---
title: "Getting started with MuData for MultiAssayExperiment"
author:
- name: "Danila Bredikhin"
affiliation: "European Molecular Biology Laboratory, Heidelberg, Germany"
email: "danila.bredikhin@embl.de"
- name: "Ilia Kats"
affiliation: "German Cancer Research Center, Heidelberg, Germany"

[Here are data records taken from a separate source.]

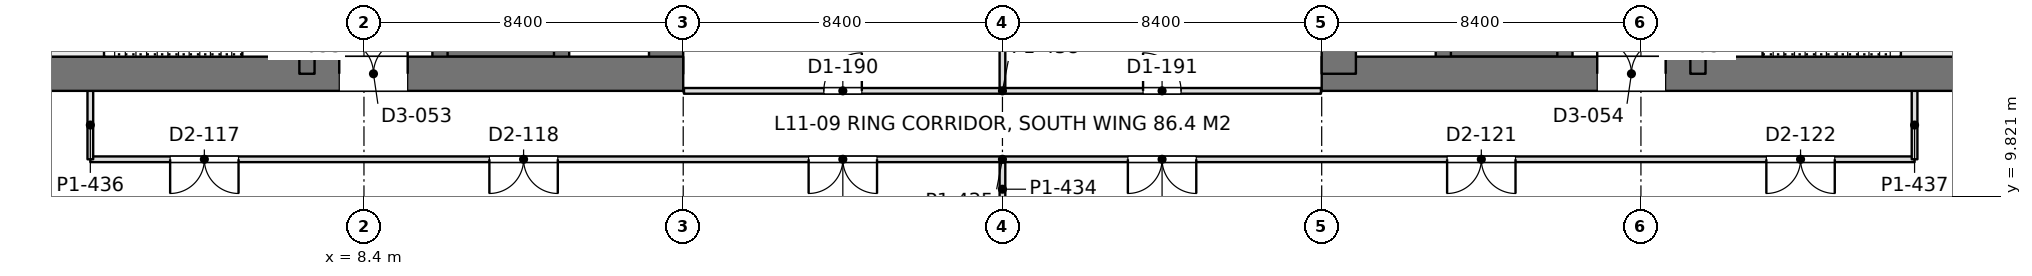
"""IFC4 building model, lengths in metres.
Left out: names, types, materials, properties, quantities, classifications, styles, units other than length and angle.
Written with IfcOpenShell. Run it as: python <this file> out.ifc"""

import sys

from ifc_helpers import new_model, si_unit, direction, frame, frame_2d, origin, place, context, subcontext, project, spatial, rectangle, extrude, element, fill, save


model = new_model("IFC4")
c1 = context("Model", 3, precision=1e-05, world=origin(), true_north=direction((0.0, 1.0)))
c2 = subcontext(c1, "Body", "Model", "MODEL_VIEW")
j1 = project(units=[si_unit("LENGTHUNIT", "METRE"), si_unit("PLANEANGLEUNIT", "RADIAN")], contexts=[c1])
p1 = place(None, origin())
s1 = spatial("IfcSite", under=j1, at=p1, CompositionType="ELEMENT")
p2 = place(p1, origin())
s2 = spatial("IfcBuilding", under=s1, at=p2, CompositionType="ELEMENT")
p3 = place(p2, frame((0.0, 0.0, 50.4)))
s3 = spatial("IfcBuildingStorey", under=s2, at=p3, CompositionType="ELEMENT", Elevation=50.4)
p4 = place(p3, frame((-1.2, 13.05, 0.0), z_axis=(0.0, 0.0, 1.0), x_axis=(1.0, 0.0, 0.0)))
e1 = element("IfcWall", 1, at=p4, inside=s3, PredefinedType="SHEAR", context=c2, shape_type="SweptSolid", body=[
    extrude(rectangle(XDim=18.0, YDim=0.9, at=frame_2d((9.0, 0.0))), origin(), (0.0, 0.0, 1.0), 4.5),
])
p5 = place(p4, frame((8.95, 0.0, 0.0)))
e2 = element("IfcOpeningElement", 2, at=p5, cuts=e1, PredefinedType="OPENING", context=c2, shape_type="SweptSolid", body=[
    extrude(rectangle(XDim=1.8, YDim=2.4, at=frame_2d((0.9, 1.2))), frame((0.0, 0.46, 0.0), z_axis=(0.0, -1.0, 0.0), x_axis=(1.0, 0.0, 0.0)), (0.0, 0.0, 1.0), 0.92),
])
p6 = place(p3, frame((16.35, 13.05, 0.0), z_axis=(0.0, 0.0, 1.0), x_axis=(0.0, 1.0, 0.0)))
e3 = element("IfcWall", 3, at=p6, inside=s3, PredefinedType="SHEAR", context=c2, shape_type="SweptSolid", body=[
    extrude(rectangle(XDim=24.3, YDim=0.9, at=frame_2d((12.15, 0.0))), origin(), (0.0, 0.0, 1.0), 4.5),
])
p7 = place(p3, frame((6.9, 13.05, 0.0), z_axis=(0.0, 0.0, 1.0), x_axis=(0.0, 1.0, 0.0)))
e4 = element("IfcWall", 4, at=p7, inside=s3, PredefinedType="SHEAR", context=c2, shape_type="SweptSolid", body=[
    extrude(rectangle(XDim=24.3, YDim=0.4, at=frame_2d((12.15, 0.0))), origin(), (0.0, 0.0, 1.0), 4.5),
])
p8 = place(p7, frame((1.3, 0.0, 0.0)))
e5 = element("IfcOpeningElement", 5, at=p8, cuts=e4, PredefinedType="OPENING", context=c2, shape_type="SweptSolid", body=[
    extrude(rectangle(XDim=1.0, YDim=2.2, at=frame_2d((0.5, 1.1))), frame((0.0, 0.21, 0.0), z_axis=(0.0, -1.0, 0.0), x_axis=(1.0, 0.0, 0.0)), (0.0, 0.0, 1.0), 0.42),
])
p9 = place(p7, frame((22.0, 0.0, 0.0)))
e6 = element("IfcOpeningElement", 6, at=p9, cuts=e4, PredefinedType="OPENING", context=c2, shape_type="SweptSolid", body=[
    extrude(rectangle(XDim=1.0, YDim=2.2, at=frame_2d((0.5, 1.1))), frame((0.0, 0.21, 0.0), z_axis=(0.0, -1.0, 0.0), x_axis=(1.0, 0.0, 0.0)), (0.0, 0.0, 1.0), 0.42),
])
p10 = place(p7, frame((5.55, 0.0, 0.0)))
e7 = element("IfcOpeningElement", 7, at=p10, cuts=e4, PredefinedType="OPENING", context=c2, shape_type="SweptSolid", body=[
    extrude(rectangle(XDim=1.0, YDim=2.2, at=frame_2d((0.5, 1.1))), frame((0.0, 0.21, 0.0), z_axis=(0.0, -1.0, 0.0), x_axis=(1.0, 0.0, 0.0)), (0.0, 0.0, 1.0), 0.42),
])
p11 = place(p7, frame((9.55, 0.0, 0.0)))
e8 = element("IfcOpeningElement", 8, at=p11, cuts=e4, PredefinedType="OPENING", context=c2, shape_type="SweptSolid", body=[
    extrude(rectangle(XDim=1.0, YDim=2.2, at=frame_2d((0.5, 1.1))), frame((0.0, 0.21, 0.0), z_axis=(0.0, -1.0, 0.0), x_axis=(1.0, 0.0, 0.0)), (0.0, 0.0, 1.0), 0.42),
])
p12 = place(p7, frame((12.8, 0.0, 0.0)))
e9 = element("IfcOpeningElement", 9, at=p12, cuts=e4, PredefinedType="OPENING", context=c2, shape_type="SweptSolid", body=[
    extrude(rectangle(XDim=1.1, YDim=2.2, at=frame_2d((0.55, 1.1))), frame((0.0, 0.21, 0.0), z_axis=(0.0, -1.0, 0.0), x_axis=(1.0, 0.0, 0.0)), (0.0, 0.0, 1.0), 0.42),
])
p13 = place(p7, frame((15.538, 0.0, 0.0)))
e10 = element("IfcOpeningElement", 10, at=p13, cuts=e4, PredefinedType="OPENING", context=c2, shape_type="SweptSolid", body=[
    extrude(rectangle(XDim=1.1, YDim=2.2, at=frame_2d((0.55, 1.1))), frame((0.0, 0.21, 0.0), z_axis=(0.0, -1.0, 0.0), x_axis=(1.0, 0.0, 0.0)), (0.0, 0.0, 1.0), 0.42),
])
p14 = place(p7, frame((18.262, 0.0, 0.0)))
e11 = element("IfcOpeningElement", 11, at=p14, cuts=e4, PredefinedType="OPENING", context=c2, shape_type="SweptSolid", body=[
    extrude(rectangle(XDim=1.1, YDim=2.2, at=frame_2d((0.55, 1.1))), frame((0.0, 0.21, 0.0), z_axis=(0.0, -1.0, 0.0), x_axis=(1.0, 0.0, 0.0)), (0.0, 0.0, 1.0), 0.42),
])
p15 = place(p3, frame((10.4, 13.05, 0.0), z_axis=(0.0, 0.0, 1.0), x_axis=(0.0, 1.0, 0.0)))
e12 = element("IfcWall", 12, at=p15, inside=s3, PredefinedType="SHEAR", context=c2, shape_type="SweptSolid", body=[
    extrude(rectangle(XDim=24.3, YDim=0.4, at=frame_2d((12.15, 0.0))), origin(), (0.0, 0.0, 1.0), 4.5),
])
p16 = place(p15, frame((1.5, 0.0, 0.0)))
e13 = element("IfcOpeningElement", 13, at=p16, cuts=e12, PredefinedType="OPENING", context=c2, shape_type="SweptSolid", body=[
    extrude(rectangle(XDim=1.1, YDim=2.2, at=frame_2d((0.55, 1.1))), frame((0.0, 0.21, 0.0), z_axis=(0.0, -1.0, 0.0), x_axis=(1.0, 0.0, 0.0)), (0.0, 0.0, 1.0), 0.42),
])
p17 = place(p15, frame((4.35, 0.0, 0.0)))
e14 = element("IfcOpeningElement", 14, at=p17, cuts=e12, PredefinedType="OPENING", context=c2, shape_type="SweptSolid", body=[
    extrude(rectangle(XDim=1.1, YDim=2.2, at=frame_2d((0.55, 1.1))), frame((0.0, 0.21, 0.0), z_axis=(0.0, -1.0, 0.0), x_axis=(1.0, 0.0, 0.0)), (0.0, 0.0, 1.0), 0.42),
])
p18 = place(p15, frame((7.2, 0.0, 0.0)))
e15 = element("IfcOpeningElement", 15, at=p18, cuts=e12, PredefinedType="OPENING", context=c2, shape_type="SweptSolid", body=[
    extrude(rectangle(XDim=1.1, YDim=2.2, at=frame_2d((0.55, 1.1))), frame((0.0, 0.21, 0.0), z_axis=(0.0, -1.0, 0.0), x_axis=(1.0, 0.0, 0.0)), (0.0, 0.0, 1.0), 0.42),
])
p19 = place(p15, frame((21.45, 0.0, 0.0)))
e16 = element("IfcOpeningElement", 16, at=p19, cuts=e12, PredefinedType="OPENING", context=c2, shape_type="SweptSolid", body=[
    extrude(rectangle(XDim=1.1, YDim=2.2, at=frame_2d((0.55, 1.1))), frame((0.0, 0.21, 0.0), z_axis=(0.0, -1.0, 0.0), x_axis=(1.0, 0.0, 0.0)), (0.0, 0.0, 1.0), 0.42),
])
p20 = place(p3, frame((13.6, 13.05, 0.0), z_axis=(0.0, 0.0, 1.0), x_axis=(0.0, 1.0, 0.0)))
e17 = element("IfcWall", 17, at=p20, inside=s3, PredefinedType="SHEAR", context=c2, shape_type="SweptSolid", body=[
    extrude(rectangle(XDim=24.3, YDim=0.4, at=frame_2d((12.15, 0.0))), origin(), (0.0, 0.0, 1.0), 4.5),
])
p21 = place(p3, frame((10.4, 13.65, 0.0), z_axis=(0.0, 0.0, 1.0), x_axis=(1.0, 0.0, 0.0)))
e18 = element("IfcWall", 18, at=p21, inside=s3, PredefinedType="SHEAR", context=c2, shape_type="SweptSolid", body=[
    extrude(rectangle(XDim=3.2, YDim=0.3, at=frame_2d((1.6, 0.0))), origin(), (0.0, 0.0, 1.0), 4.5),
])
p22 = place(p3, frame((33.6, 13.05, 0.0), z_axis=(0.0, 0.0, 1.0), x_axis=(1.0, 0.0, 0.0)))
e19 = element("IfcWall", 19, at=p22, inside=s3, PredefinedType="SHEAR", context=c2, shape_type="SweptSolid", body=[
    extrude(rectangle(XDim=18.0, YDim=0.9, at=frame_2d((9.0, 0.0))), origin(), (0.0, 0.0, 1.0), 4.5),
])
p23 = place(p22, frame((7.25, 0.0, 0.0)))
e20 = element("IfcOpeningElement", 20, at=p23, cuts=e19, PredefinedType="OPENING", context=c2, shape_type="SweptSolid", body=[
    extrude(rectangle(XDim=1.8, YDim=2.4, at=frame_2d((0.9, 1.2))), frame((0.0, 0.46, 0.0), z_axis=(0.0, -1.0, 0.0), x_axis=(1.0, 0.0, 0.0)), (0.0, 0.0, 1.0), 0.92),
])
p24 = place(p3, frame((34.05, 13.05, 0.0), z_axis=(0.0, 0.0, 1.0), x_axis=(0.0, 1.0, 0.0)))
e21 = element("IfcWall", 21, at=p24, inside=s3, PredefinedType="SHEAR", context=c2, shape_type="SweptSolid", body=[
    extrude(rectangle(XDim=24.3, YDim=0.9, at=frame_2d((12.15, 0.0))), origin(), (0.0, 0.0, 1.0), 4.5),
])
p25 = place(p3, frame((43.5, 13.05, 0.0), z_axis=(0.0, 0.0, 1.0), x_axis=(0.0, 1.0, 0.0)))
e22 = element("IfcWall", 22, at=p25, inside=s3, PredefinedType="SHEAR", context=c2, shape_type="SweptSolid", body=[
    extrude(rectangle(XDim=24.3, YDim=0.4, at=frame_2d((12.15, 0.0))), origin(), (0.0, 0.0, 1.0), 4.5),
])
p26 = place(p25, frame((1.3, 0.0, 0.0)))
e23 = element("IfcOpeningElement", 23, at=p26, cuts=e22, PredefinedType="OPENING", context=c2, shape_type="SweptSolid", body=[
    extrude(rectangle(XDim=1.0, YDim=2.2, at=frame_2d((0.5, 1.1))), frame((0.0, 0.21, 0.0), z_axis=(0.0, -1.0, 0.0), x_axis=(1.0, 0.0, 0.0)), (0.0, 0.0, 1.0), 0.42),
])
p27 = place(p25, frame((22.0, 0.0, 0.0)))
e24 = element("IfcOpeningElement", 24, at=p27, cuts=e22, PredefinedType="OPENING", context=c2, shape_type="SweptSolid", body=[
    extrude(rectangle(XDim=1.0, YDim=2.2, at=frame_2d((0.5, 1.1))), frame((0.0, 0.21, 0.0), z_axis=(0.0, -1.0, 0.0), x_axis=(1.0, 0.0, 0.0)), (0.0, 0.0, 1.0), 0.42),
])
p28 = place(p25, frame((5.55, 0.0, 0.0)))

email: "i.kats@dkfz-heidelberg.de"
date: "`r Sys.Date()`"
output:
BiocStyle::html_document:
toc_float: true
vignette: >
%\VignetteIndexEntry{Getting started with MuDataMae}
%\VignetteEngine{knitr::rmarkdown}
%\VignetteEncoding{UTF-8}
---
```{r, include = FALSE}
knitr::opts_chunk$set(
collapse = TRUE,
comment = "#>"
)
```
## Introduction
Multimodal data format — [MuData](https://mudata.readthedocs.io/) —
[has been introduced](https://www.biorxiv.org/content/10.1101/2021.06.01.445670v1)
to address the need for cross-platform standard for sharing
large-scale multimodal omics data. Importantly, it develops ideas of and is
compatible with [AnnData](https://anndata.readthedocs.io/) standard for storing
raw and derived data for unimodal datasets.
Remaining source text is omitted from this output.